I use ziploc's a lot I had them in the freezer for a couple month's and they were fine


----------



## siege (Jul 7, 2019)

I use a vac sealer, but before I had one, it was zip lock bags and a soda straw. I bagged small quantities in quart bags for snacks or a quick lunch. Smoked in the fall, good all winter. Smoked foods tend to last well, add a bit of water or apple juice, steam briefly and enjoy.


----------



## mikedaub (Jul 30, 2019)

I know I am late to this party with a reply, but get yourself a vac sealer and you will be all set.  

Because I hate cleaning my grates, when I smoke, its a full weekends (2 days) worth of smoking..  Usually a couple pork shoulders, some brisket, wings, chicken breasts, ribs, etc etc.  Once its cooked, I break it all down, measure out servings for my wife and I (usually about 12oz is the right spot), vac seal individual meals, label and throw in the freezer.  When its time to eat, pull it out the night before, put in the fridge and by the time we get home from work, its thawed and ready to heat to eat.  The package I opened last night was from April, and you wouldn't be able to tell the difference between fresh and it.


----------



## altex (Jul 30, 2019)

mikedaub said:


> I know I am late to this party with a reply, but get yourself a vac sealer and you will be all set.
> 
> Because I hate cleaning my grates, when I smoke, its a full weekends (2 days) worth of smoking..  Usually a couple pork shoulders, some brisket, wings, chicken breasts, ribs, etc etc.  Once its cooked, I break it all down, measure out servings for my wife and I (usually about 12oz is the right spot), vac seal individual meals, label and throw in the freezer.  When its time to eat, pull it out the night before, put in the fridge and by the time we get home from work, its thawed and ready to heat to eat.  The package I opened last night was from April, and you wouldn't be able to tell the difference between fresh and it.


----------



## altex (Jul 30, 2019)

How do you reheat it ?


----------



## zwiller (Jul 30, 2019)

So you actually think TGI Fridays and Chili's smokes their ribs to order?  

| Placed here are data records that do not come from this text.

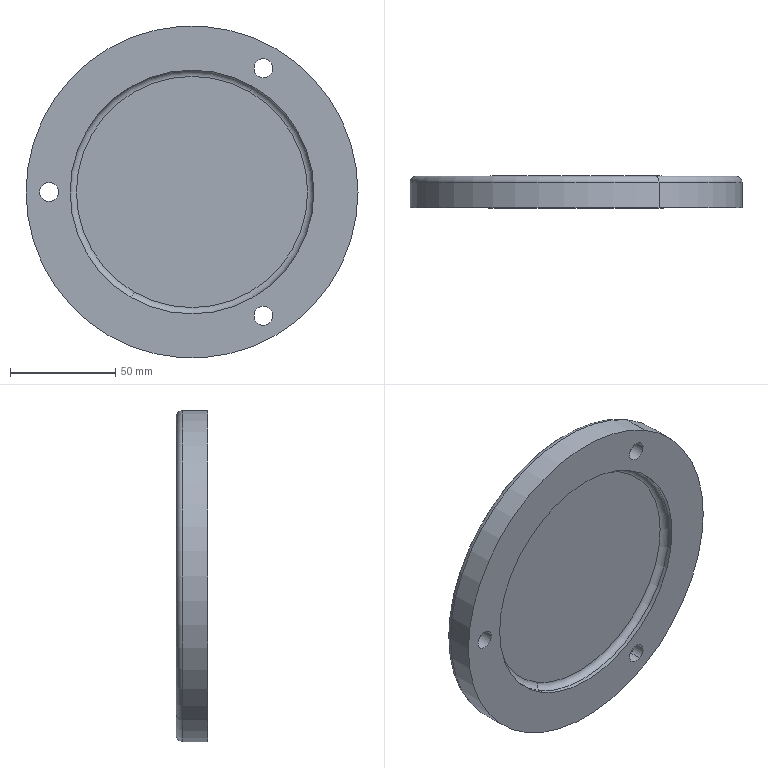Component | SolidWorks | 23-1 | 1 solid | 26 faces | box 158 x 15 x 158 mm | volume 235087 mm3 | cylinder 16 | plane 6 | torus 4 | commonest cylinder face diameters 15 x6 9 x6 116 x2 158 x2
build123d program:
from build123d import *

# Parameters (mm, degrees)
SKETCH1_R           = 79
BOSS_EXTRUDE1_DEPTH = 15
SKETCH2_R           = 58
CUT_EXTRUDE1_DEPTH  = 5
HOLE1_D             = 9
HOLE1_DEPTH         = 99.955
HOLE1_CBORE_D       = 15
HOLE1_CBORE_DEPTH   = 9
CIRPATTERN1_COUNT   = 3
FILLET1_R           = 3
FILLET2_R           = 3


with BuildPart() as part:
    # Sketch1 → Boss-Extrude1 (new body)
    with BuildSketch(Plane(origin=(0, 0, 0), x_dir=(1, 0, 0), z_dir=(0, 1, 0))):
        with Locations(Location((0, 0, 0), (0, 0, 270))):
            Circle(SKETCH1_R)
    extrude(amount=BOSS_EXTRUDE1_DEPTH)

    # Sketch2 → Cut-Extrude1 (cut)
    with BuildSketch(Plane(origin=(0, 15, 0), x_dir=(1, 0, 0), z_dir=(0, 1, 0))):
        with Locations(Location((0, 0, 0), (0, 0, 270))):
            Circle(SKETCH2_R)
    extrude(amount=-CUT_EXTRUDE1_DEPTH, mode=Mode.SUBTRACT)

    # Hole1
    with Locations(Plane(origin=(0, 0, 0), x_dir=(-1, 0, 0), z_dir=(0, -1, 0))):
        with Locations((0, -68)):
            hole1 = CounterBoreHole(HOLE1_D / 2, HOLE1_CBORE_D / 2, HOLE1_CBORE_DEPTH, depth=HOLE1_DEPTH)

    # CirPattern1: Hole1 ×3 about axis
    cirpattern1_axis = Axis((0, 0, 0), (0, 1, 0))
    for i in range(1, CIRPATTERN1_COUNT):
        add(hole1.rotate(cirpattern1_axis, i * 360 / CIRPATTERN1_COUNT), mode=Mode.SUBTRACT)

    # Fillet1
    fillet1_edges = [part.edges().sort_by_distance(p)[0] for p in [
        (0, 10, -58),
    ]]
    fillet(fillet1_edges, radius=FILLET1_R)

    # Fillet2
    fillet2_edges = [part.edges().sort_by_distance(p)[0] for p in [
        (0, 0, -79),
    ]]
    fillet(fillet2_edges, radius=FILLET2_R)


solid = part.part

# Placed as in the assembly
solid = solid.moved(Location((0, 30.2, 0), (180, -90, 0)))
STEP:
#1=COLOUR_RGB('',0.7922,0.8196,0.9333);
#2=FILL_AREA_STYLE_COLOUR('',#1);
#3=FILL_AREA_STYLE('',(#2));
#4=SURFACE_STYLE_FILL_AREA(#3);
#5=SURFACE_SIDE_STYLE('',(#4));
#6=SURFACE_STYLE_USAGE(.BOTH.,#5);
#7=PRESENTATION_STYLE_ASSIGNMENT((#6));
#8=CARTESIAN_POINT('',(-1.496,1.189,-2.591));
#9=VERTEX_POINT('',#8);
#10=CARTESIAN_POINT('',(1.496,1.189,2.591));
#11=VERTEX_POINT('',#10);
#12=CARTESIAN_POINT('',(0.,1.189,-0.));
#13=DIRECTION('',(-0.,1.,0.));
#14=DIRECTION('',(0.5,0.,0.866));
#15=AXIS2_PLACEMENT_3D('',#12,#13,#14);
#16=CIRCLE('',#15,2.992);
#17=EDGE_CURVE('',#9,#11,#16,.T.);
#18=ORIENTED_EDGE('',*,*,#17,.F.);
#19=CARTESIAN_POINT('',(-1.555,1.071,-2.694));
#20=VERTEX_POINT('',#19);
#21=CARTESIAN_POINT('',(-1.496,1.071,-2.591));
#22=DIRECTION('',(-0.866,-0.,0.5));
#23=DIRECTION('',(0.5,0.,0.866));
#24=AXIS2_PLACEMENT_3D('',#21,#22,#23);
#25=CIRCLE('',#24,0.1181);
#26=EDGE_CURVE('',#9,#20,#25,.T.);
#27=ORIENTED_EDGE('',*,*,#26,.T.);
#28=CARTESIAN_POINT('',(1.555,1.071,2.694));
#29=VERTEX_POINT('',#28);
#30=CARTESIAN_POINT('',(0.,1.071,-0.));
#31=DIRECTION('',(0.,-1.,-0.));
#32=DIRECTION('',(0.5,0.,0.866));
#33=AXIS2_PLACEMENT_3D('',#30,#31,#32);
#34=CIRCLE('',#33,3.11);
#35=EDGE_CURVE('',#29,#20,#34,.T.);
#36=ORIENTED_EDGE('',*,*,#35,.F.);
#37=CARTESIAN_POINT('',(1.496,1.071,2.591));
#38=DIRECTION('',(0.866,0.,-0.5));
#39=DIRECTION('',(-0.5,0.,-0.866));
#40=AXIS2_PLACEMENT_3D('',#37,#38,#39);
#41=CIRCLE('',#40,0.1181);
#42=EDGE_CURVE('',#11,#29,#41,.T.);
#43=ORIENTED_EDGE('',*,*,#42,.F.);
#44=EDGE_LOOP('',(#18,#27,#36,#43));
#45=FACE_OUTER_BOUND('',#44,.T.);
#46=CARTESIAN_POINT('',(0.,1.071,-0.));
#47=DIRECTION('',(0.,-1.,-0.));
#48=DIRECTION('',(0.5,0.,0.866));
#49=AXIS2_PLACEMENT_3D('',#46,#47,#48);
#50=TOROIDAL_SURFACE('',#49,2.992,0.1181);
#51=ADVANCED_FACE('',(#45),#50,.T.);
#52=CARTESIAN_POINT('',(-1.083,0.7953,-1.875));
#53=VERTEX_POINT('',#52);
#54=CARTESIAN_POINT('',(1.083,0.7953,1.875));
#55=VERTEX_POINT('',#54);
#56=CARTESIAN_POINT('',(0.,0.7953,-0.));
#57=DIRECTION('',(0.,-1.,-0.));
#58=DIRECTION('',(0.5,0.,0.866));
#59=AXIS2_PLACEMENT_3D('',#56,#57,#58);
#60=CIRCLE('',#59,2.165);
#61=EDGE_CURVE('',#53,#55,#60,.T.);
#62=ORIENTED_EDGE('',*,*,#61,.F.);
#63=CARTESIAN_POINT('',(-1.142,0.6772,-1.978));
#64=VERTEX_POINT('',#63);
#65=CARTESIAN_POINT('',(-1.083,0.6772,-1.875));
#66=DIRECTION('',(-0.866,-0.,0.5));
#67=DIRECTION('',(0.5,0.,0.866));
#68=AXIS2_PLACEMENT_3D('',#65,#66,#67);
#69=CIRCLE('',#68,0.1181);
#70=EDGE_CURVE('',#53,#64,#69,.T.);
#71=ORIENTED_EDGE('',*,*,#70,.T.);
#72=CARTESIAN_POINT('',(1.142,0.6772,1.978));
#73=VERTEX_POINT('',#72);
#74=CARTESIAN_POINT('',(0.,0.6772,-0.));
#75=DIRECTION('',(-0.,1.,0.));
#76=DIRECTION('',(0.5,0.,0.866));
#77=AXIS2_PLACEMENT_3D('',#74,#75,#76);
#78=CIRCLE('',#77,2.283);
#79=EDGE_CURVE('',#73,#64,#78,.T.);
#80=ORIENTED_EDGE('',*,*,#79,.F.);
#81=CARTESIAN_POINT('',(1.083,0.6772,1.875));
#82=DIRECTION('',(0.866,0.,-0.5));
#83=DIRECTION('',(-0.5,0.,-0.866));
#84=AXIS2_PLACEMENT_3D('',#81,#82,#83);
#85=CIRCLE('',#84,0.1181);
#86=EDGE_CURVE('',#55,#73,#85,.T.);
#87=ORIENTED_EDGE('',*,*,#86,.F.);
#88=EDGE_LOOP('',(#62,#71,#80,#87));
#89=FACE_OUTER_BOUND('',#88,.T.);
#90=CARTESIAN_POINT('',(0.,0.6772,-0.));
#91=DIRECTION('',(0.,-1.,-0.));
#92=DIRECTION('',(0.5,0.,0.866));
#93=AXIS2_PLACEMENT_3D('',#90,#91,#92);
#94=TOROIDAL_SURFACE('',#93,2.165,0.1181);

Add me to freezing works well camp.  For ribs, thaw and sear then sauce on hot grill.  Ribs must be grilled here.


----------



## mikedaub (Jul 30, 2019)

altex said:


> How do you reheat it ?


For most things, I just reheat in my toaster oven.  The flavor is already there, it just needs temp to get it to preference.  And if you are concerned about it drying out at all when reheating, I just add a little sauce (bbq- hot sauce, etc) to it and all is good.


----------



## smokerjim (Jul 30, 2019)

altex said:


> How do you reheat it ?


I usually just put them in  a foil covered dish with a little water and put them in the oven at 250-300 until heated through, usually around 45 minutes.


----------



## tomd8 (Aug 1, 2019)

I just use quart baggies like some above.  I put 4 ribs per baggie but that may vary by size.  I write a date on the baggie to know how old.  I reheat in my microwave.  They usually don't last more than 2 months because I eat them.


----------



## hoity toit (Aug 1, 2019)

tempnexus said:


> I smoked 3 racks of Pork Ribs and I want to freeze the 2 by placing them in a ziplock bag and sticking them into a freezer.
> 
> Can they last a week?


Sure. Vac seal and you are good for 8 months or so at least.
Using zip loc freezer bags I would say 4 -5 months you be fine.
\


----------



## smokinbill1638 (Aug 1, 2019)

If you know that you will be reheating them, do you pull them off early?


----------



## SmokeinNJ (Aug 1, 2019)

I smoke big batches for summer and vacations. I vacuum pack.  I usually add some extra juices to the pack as well.  I thaw in frig, then reheat wrapped in foil with a little extra juice.  I save extra juices in a large old ketchup squeeze bottle.  Open cap, microwave, and it's ready to use as well...


----------



## mikedaub (Aug 1, 2019)

smokinbill1638 said:


> If you know that you will be reheating them, do you pull them off early?


 I do not, no.  Mostly because we are eating portion of what I cook, and the intentional left overs are what I freeze.


----------



## muncie21 (Aug 2, 2019)

Another vote for vacuum packing. When I have a free weekend, I smoke several different cuts of meat and vacuum pack them for later. This allows me to have several different cuts/varieties available to eat during the week/month.


----------